[SPARK-18865][SparkR]:SparkR vignettes MLP and LDA updates #16284

wangmiao1981 · 2016-12-14T23:15:27Z

What changes were proposed in this pull request?

When do the QA work, I found that the following issues:

1). spark.mlp doesn't include an example;
2). spark.mlp and spark.lda have redundant parameter explanations;
3). spark.lda document misses default values for some parameters.

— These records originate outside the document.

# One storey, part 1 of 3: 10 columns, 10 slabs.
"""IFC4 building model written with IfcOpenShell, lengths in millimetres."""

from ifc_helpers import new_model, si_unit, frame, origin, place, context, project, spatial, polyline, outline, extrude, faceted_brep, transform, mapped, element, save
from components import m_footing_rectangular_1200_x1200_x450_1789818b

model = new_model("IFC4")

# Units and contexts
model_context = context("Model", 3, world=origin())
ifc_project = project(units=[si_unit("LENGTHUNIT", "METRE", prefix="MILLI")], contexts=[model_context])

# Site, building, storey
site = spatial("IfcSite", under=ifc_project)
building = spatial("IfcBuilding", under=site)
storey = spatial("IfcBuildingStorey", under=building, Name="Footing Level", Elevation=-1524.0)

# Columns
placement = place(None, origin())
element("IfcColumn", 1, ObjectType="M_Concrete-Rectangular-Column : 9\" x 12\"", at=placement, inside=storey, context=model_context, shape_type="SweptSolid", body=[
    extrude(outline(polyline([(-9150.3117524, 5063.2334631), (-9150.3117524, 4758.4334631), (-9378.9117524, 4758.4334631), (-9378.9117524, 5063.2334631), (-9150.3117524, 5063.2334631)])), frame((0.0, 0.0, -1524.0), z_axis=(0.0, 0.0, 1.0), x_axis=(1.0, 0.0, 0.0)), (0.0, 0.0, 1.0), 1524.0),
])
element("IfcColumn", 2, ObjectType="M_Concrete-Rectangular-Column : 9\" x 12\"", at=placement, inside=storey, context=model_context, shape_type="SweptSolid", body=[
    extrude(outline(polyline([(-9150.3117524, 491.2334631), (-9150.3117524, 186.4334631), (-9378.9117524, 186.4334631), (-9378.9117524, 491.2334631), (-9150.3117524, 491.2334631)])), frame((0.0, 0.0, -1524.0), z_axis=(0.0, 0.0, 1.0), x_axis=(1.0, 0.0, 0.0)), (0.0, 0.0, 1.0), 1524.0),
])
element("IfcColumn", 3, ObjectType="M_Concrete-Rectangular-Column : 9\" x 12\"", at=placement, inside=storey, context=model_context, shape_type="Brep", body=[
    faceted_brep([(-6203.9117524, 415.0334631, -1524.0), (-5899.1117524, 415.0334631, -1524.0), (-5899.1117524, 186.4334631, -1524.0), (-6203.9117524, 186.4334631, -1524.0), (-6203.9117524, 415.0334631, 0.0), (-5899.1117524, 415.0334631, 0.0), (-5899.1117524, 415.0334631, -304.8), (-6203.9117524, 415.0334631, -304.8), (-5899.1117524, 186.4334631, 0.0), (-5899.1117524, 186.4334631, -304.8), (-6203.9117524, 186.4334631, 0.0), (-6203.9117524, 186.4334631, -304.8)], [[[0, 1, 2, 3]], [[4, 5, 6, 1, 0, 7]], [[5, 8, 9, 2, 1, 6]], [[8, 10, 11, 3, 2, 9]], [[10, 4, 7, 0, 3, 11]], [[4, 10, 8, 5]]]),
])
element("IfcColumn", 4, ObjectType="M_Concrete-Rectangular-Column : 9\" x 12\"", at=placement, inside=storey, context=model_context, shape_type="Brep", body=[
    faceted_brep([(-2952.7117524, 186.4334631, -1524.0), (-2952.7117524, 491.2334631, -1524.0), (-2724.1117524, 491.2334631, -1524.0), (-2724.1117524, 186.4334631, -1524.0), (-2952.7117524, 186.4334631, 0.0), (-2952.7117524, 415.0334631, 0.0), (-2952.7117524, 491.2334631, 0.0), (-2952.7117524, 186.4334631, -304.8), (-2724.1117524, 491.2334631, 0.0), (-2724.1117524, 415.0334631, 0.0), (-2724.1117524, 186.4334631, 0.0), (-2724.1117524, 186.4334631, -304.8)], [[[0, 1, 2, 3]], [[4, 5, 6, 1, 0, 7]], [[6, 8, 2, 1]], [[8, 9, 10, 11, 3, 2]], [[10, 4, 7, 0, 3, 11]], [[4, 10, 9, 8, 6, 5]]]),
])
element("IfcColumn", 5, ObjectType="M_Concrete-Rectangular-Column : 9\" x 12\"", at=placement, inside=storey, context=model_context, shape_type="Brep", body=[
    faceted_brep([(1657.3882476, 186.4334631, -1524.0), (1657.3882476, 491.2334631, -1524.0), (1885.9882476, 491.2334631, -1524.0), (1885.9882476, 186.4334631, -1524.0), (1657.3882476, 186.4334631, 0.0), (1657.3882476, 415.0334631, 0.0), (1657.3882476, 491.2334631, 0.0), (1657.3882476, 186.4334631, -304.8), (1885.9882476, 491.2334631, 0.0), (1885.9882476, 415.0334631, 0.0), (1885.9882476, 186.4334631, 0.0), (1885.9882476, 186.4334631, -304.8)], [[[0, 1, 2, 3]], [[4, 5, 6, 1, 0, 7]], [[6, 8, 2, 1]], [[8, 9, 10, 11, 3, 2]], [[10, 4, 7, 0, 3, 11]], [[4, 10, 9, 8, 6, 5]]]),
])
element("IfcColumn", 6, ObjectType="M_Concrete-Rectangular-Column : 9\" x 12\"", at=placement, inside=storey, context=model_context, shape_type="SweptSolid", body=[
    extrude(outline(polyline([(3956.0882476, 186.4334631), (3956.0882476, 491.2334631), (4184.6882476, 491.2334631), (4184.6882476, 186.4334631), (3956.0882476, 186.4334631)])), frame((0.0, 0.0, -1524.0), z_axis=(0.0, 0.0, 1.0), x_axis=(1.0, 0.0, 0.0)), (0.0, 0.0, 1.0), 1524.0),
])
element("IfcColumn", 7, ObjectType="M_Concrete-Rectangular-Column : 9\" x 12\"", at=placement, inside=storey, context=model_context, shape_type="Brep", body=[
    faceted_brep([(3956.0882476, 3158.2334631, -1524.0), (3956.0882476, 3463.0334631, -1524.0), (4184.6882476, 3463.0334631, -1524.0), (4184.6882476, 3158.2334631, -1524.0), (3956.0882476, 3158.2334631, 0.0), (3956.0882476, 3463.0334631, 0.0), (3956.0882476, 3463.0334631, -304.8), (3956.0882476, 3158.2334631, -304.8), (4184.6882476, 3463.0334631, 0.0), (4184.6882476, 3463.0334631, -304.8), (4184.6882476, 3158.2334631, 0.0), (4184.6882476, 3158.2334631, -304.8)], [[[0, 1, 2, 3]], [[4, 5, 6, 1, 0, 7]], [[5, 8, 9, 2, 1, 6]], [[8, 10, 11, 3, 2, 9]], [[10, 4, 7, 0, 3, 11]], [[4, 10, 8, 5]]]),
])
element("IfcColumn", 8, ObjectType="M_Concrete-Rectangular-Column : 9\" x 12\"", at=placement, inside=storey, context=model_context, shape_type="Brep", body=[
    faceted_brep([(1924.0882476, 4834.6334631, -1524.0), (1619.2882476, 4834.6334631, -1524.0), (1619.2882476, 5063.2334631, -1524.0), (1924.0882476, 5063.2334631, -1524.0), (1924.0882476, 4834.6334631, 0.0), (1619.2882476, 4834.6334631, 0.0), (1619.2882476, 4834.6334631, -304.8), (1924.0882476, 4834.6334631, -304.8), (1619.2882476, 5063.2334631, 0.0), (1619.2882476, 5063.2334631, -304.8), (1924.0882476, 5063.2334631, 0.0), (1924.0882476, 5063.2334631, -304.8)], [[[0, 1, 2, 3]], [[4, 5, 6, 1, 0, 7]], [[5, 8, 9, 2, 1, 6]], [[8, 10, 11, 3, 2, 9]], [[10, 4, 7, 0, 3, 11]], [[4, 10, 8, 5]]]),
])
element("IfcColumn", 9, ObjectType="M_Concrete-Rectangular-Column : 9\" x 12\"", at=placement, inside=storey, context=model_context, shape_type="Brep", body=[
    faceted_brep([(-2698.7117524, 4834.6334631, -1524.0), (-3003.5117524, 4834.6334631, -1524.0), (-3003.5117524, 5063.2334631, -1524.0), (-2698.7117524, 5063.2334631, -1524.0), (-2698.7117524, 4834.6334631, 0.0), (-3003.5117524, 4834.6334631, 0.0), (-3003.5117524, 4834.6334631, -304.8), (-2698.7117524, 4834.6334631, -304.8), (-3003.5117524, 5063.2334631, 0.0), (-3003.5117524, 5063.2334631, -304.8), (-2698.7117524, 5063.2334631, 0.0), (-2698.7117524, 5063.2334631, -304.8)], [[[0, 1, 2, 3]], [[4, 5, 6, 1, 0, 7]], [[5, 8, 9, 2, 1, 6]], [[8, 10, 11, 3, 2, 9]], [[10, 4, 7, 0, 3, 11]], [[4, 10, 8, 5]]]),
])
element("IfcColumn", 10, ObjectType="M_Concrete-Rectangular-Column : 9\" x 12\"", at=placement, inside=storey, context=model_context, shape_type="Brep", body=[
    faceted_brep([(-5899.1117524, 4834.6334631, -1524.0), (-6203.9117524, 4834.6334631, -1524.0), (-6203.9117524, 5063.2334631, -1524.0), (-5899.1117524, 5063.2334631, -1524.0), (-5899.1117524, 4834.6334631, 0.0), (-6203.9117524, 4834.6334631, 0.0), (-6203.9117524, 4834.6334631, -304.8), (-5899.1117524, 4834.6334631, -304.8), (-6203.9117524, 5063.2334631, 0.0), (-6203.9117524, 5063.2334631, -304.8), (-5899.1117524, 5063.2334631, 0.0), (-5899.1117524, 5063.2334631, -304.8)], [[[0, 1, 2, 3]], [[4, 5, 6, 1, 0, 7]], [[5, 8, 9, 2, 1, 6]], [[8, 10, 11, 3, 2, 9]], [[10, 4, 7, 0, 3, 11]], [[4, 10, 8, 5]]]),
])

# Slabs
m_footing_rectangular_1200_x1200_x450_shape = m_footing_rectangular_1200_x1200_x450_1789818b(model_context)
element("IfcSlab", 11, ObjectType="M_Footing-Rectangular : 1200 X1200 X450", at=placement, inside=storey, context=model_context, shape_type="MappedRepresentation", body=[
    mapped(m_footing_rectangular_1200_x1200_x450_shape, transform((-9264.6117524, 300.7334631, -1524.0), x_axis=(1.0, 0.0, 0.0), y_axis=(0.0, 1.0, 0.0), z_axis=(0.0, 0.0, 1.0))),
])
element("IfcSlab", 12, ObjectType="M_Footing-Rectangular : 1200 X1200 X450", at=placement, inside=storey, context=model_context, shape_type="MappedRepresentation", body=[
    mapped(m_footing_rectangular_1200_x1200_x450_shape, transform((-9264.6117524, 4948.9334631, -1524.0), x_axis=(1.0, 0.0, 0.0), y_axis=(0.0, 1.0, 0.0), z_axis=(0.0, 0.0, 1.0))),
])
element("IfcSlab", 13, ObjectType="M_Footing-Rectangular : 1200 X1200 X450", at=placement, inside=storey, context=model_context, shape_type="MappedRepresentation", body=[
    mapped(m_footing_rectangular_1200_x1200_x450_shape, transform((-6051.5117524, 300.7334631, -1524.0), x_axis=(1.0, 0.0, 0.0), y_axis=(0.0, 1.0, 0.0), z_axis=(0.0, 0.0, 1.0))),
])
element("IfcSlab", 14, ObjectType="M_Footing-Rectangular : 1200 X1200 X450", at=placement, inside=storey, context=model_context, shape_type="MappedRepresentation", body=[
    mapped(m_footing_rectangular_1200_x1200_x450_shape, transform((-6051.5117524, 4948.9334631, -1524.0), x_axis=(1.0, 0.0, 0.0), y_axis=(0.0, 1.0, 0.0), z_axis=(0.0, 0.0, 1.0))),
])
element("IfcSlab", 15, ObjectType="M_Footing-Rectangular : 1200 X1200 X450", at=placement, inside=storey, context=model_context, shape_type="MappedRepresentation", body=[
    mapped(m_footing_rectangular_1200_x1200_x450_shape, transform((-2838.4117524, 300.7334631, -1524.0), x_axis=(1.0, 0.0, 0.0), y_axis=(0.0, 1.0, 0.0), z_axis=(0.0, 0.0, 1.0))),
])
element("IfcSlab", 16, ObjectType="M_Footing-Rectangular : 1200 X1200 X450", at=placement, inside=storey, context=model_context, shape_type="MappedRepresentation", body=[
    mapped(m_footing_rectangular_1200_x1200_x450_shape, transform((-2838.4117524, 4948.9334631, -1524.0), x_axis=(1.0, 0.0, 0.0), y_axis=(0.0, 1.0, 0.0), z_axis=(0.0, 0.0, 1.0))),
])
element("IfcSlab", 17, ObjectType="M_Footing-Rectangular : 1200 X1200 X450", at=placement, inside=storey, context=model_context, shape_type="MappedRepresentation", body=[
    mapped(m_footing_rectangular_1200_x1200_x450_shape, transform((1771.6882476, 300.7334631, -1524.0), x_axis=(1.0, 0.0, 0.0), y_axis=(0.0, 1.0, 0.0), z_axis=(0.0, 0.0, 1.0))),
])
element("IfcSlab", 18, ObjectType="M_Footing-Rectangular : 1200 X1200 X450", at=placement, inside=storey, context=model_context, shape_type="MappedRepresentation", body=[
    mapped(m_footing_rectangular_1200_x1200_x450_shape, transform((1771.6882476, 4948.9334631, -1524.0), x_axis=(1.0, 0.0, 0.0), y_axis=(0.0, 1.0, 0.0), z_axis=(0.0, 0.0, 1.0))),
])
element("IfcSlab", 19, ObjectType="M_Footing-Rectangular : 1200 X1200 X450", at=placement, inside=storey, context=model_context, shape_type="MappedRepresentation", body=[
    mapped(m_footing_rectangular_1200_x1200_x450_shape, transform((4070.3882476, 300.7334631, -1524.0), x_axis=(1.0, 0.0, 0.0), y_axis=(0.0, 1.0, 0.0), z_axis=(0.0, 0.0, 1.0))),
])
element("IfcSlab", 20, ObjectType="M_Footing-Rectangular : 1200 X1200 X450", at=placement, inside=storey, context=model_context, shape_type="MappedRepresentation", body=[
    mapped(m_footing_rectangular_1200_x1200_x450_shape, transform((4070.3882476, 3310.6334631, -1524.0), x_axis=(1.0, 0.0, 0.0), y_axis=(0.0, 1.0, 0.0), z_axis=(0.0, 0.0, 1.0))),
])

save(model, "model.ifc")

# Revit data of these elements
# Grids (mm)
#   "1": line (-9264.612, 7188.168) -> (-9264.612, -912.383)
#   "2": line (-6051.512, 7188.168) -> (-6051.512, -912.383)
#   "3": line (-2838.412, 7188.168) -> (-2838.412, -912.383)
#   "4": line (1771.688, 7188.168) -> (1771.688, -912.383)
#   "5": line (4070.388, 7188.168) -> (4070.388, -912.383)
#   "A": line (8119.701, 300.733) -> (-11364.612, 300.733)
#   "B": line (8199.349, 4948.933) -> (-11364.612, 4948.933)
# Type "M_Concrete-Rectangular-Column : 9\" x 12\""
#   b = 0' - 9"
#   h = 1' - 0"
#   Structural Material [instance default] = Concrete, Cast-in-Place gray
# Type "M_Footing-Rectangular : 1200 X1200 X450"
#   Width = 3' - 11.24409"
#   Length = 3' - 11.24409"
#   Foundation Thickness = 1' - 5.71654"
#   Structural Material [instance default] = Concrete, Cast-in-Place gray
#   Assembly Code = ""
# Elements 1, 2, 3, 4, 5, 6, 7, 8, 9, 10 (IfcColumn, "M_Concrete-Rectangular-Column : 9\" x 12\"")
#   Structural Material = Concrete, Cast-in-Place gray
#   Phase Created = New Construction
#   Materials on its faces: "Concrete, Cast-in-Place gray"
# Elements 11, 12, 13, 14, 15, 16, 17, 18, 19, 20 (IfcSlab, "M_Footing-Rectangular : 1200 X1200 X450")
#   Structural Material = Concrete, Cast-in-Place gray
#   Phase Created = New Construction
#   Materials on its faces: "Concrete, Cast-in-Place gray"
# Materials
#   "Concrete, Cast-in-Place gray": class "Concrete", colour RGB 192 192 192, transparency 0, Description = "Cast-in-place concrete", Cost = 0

I also changed the spark.logit regParam in the examples, as we discussed in #16222.

How was this patch tested?

Manual test

felixcheung · 2016-12-14T23:21:43Z

R/pkg/R/mllib.R

@@ -1218,11 +1218,11 @@ setMethod("spark.survreg", signature(data = "SparkDataFrame", formula = "formula
 #' @param data A SparkDataFrame for training.
 #' @param features Features column name. Either libSVM-format column or character-format column is
 #'        valid.
-#' @param k Number of topics.
-#' @param maxIter Maximum iterations.
+#' @param k Number of topics, default is 10.


we discussed this earlier - we should avoid having default value in the doc since it's in the function signature already, unless there is additional information or explanation we are adding.

ditto below.

OK. There are other places in the document that contains default values. Shall I remove them all?

that shouldn't be the case, do you have an example?

Please see the examples below.

felixcheung · 2016-12-14T23:22:41Z

could you include a screenshot of the vignettes output?

wangmiao1981 · 2016-12-14T23:23:44Z

I will attach the screenshot.

wangmiao1981 · 2016-12-14T23:29:08Z

wangmiao1981 · 2016-12-14T23:31:03Z

R/pkg/R/mllib.R

@@ -1233,7 +1233,7 @@ setMethod("spark.survreg", signature(data = "SparkDataFrame", formula = "formula
 #'        docConcentration. Only 1-size or \code{k}-size numeric is accepted.
 #' @param customizedStopWords stopwords that need to be removed from the given corpus. Ignore the
 #'        parameter if libSVM-format column is used as the features column.
-#' @param maxVocabSize maximum vocabulary size, default 1 << 18
+#' @param maxVocabSize maximum vocabulary size, default is 1 << 18


This is one example of default. See the deleted line.

Random forest:
#' @param impurity Criterion used for information gain calculation. #' For regression, must be "variance". For classification, must be one of #' "entropy" and "gini", default is "gini".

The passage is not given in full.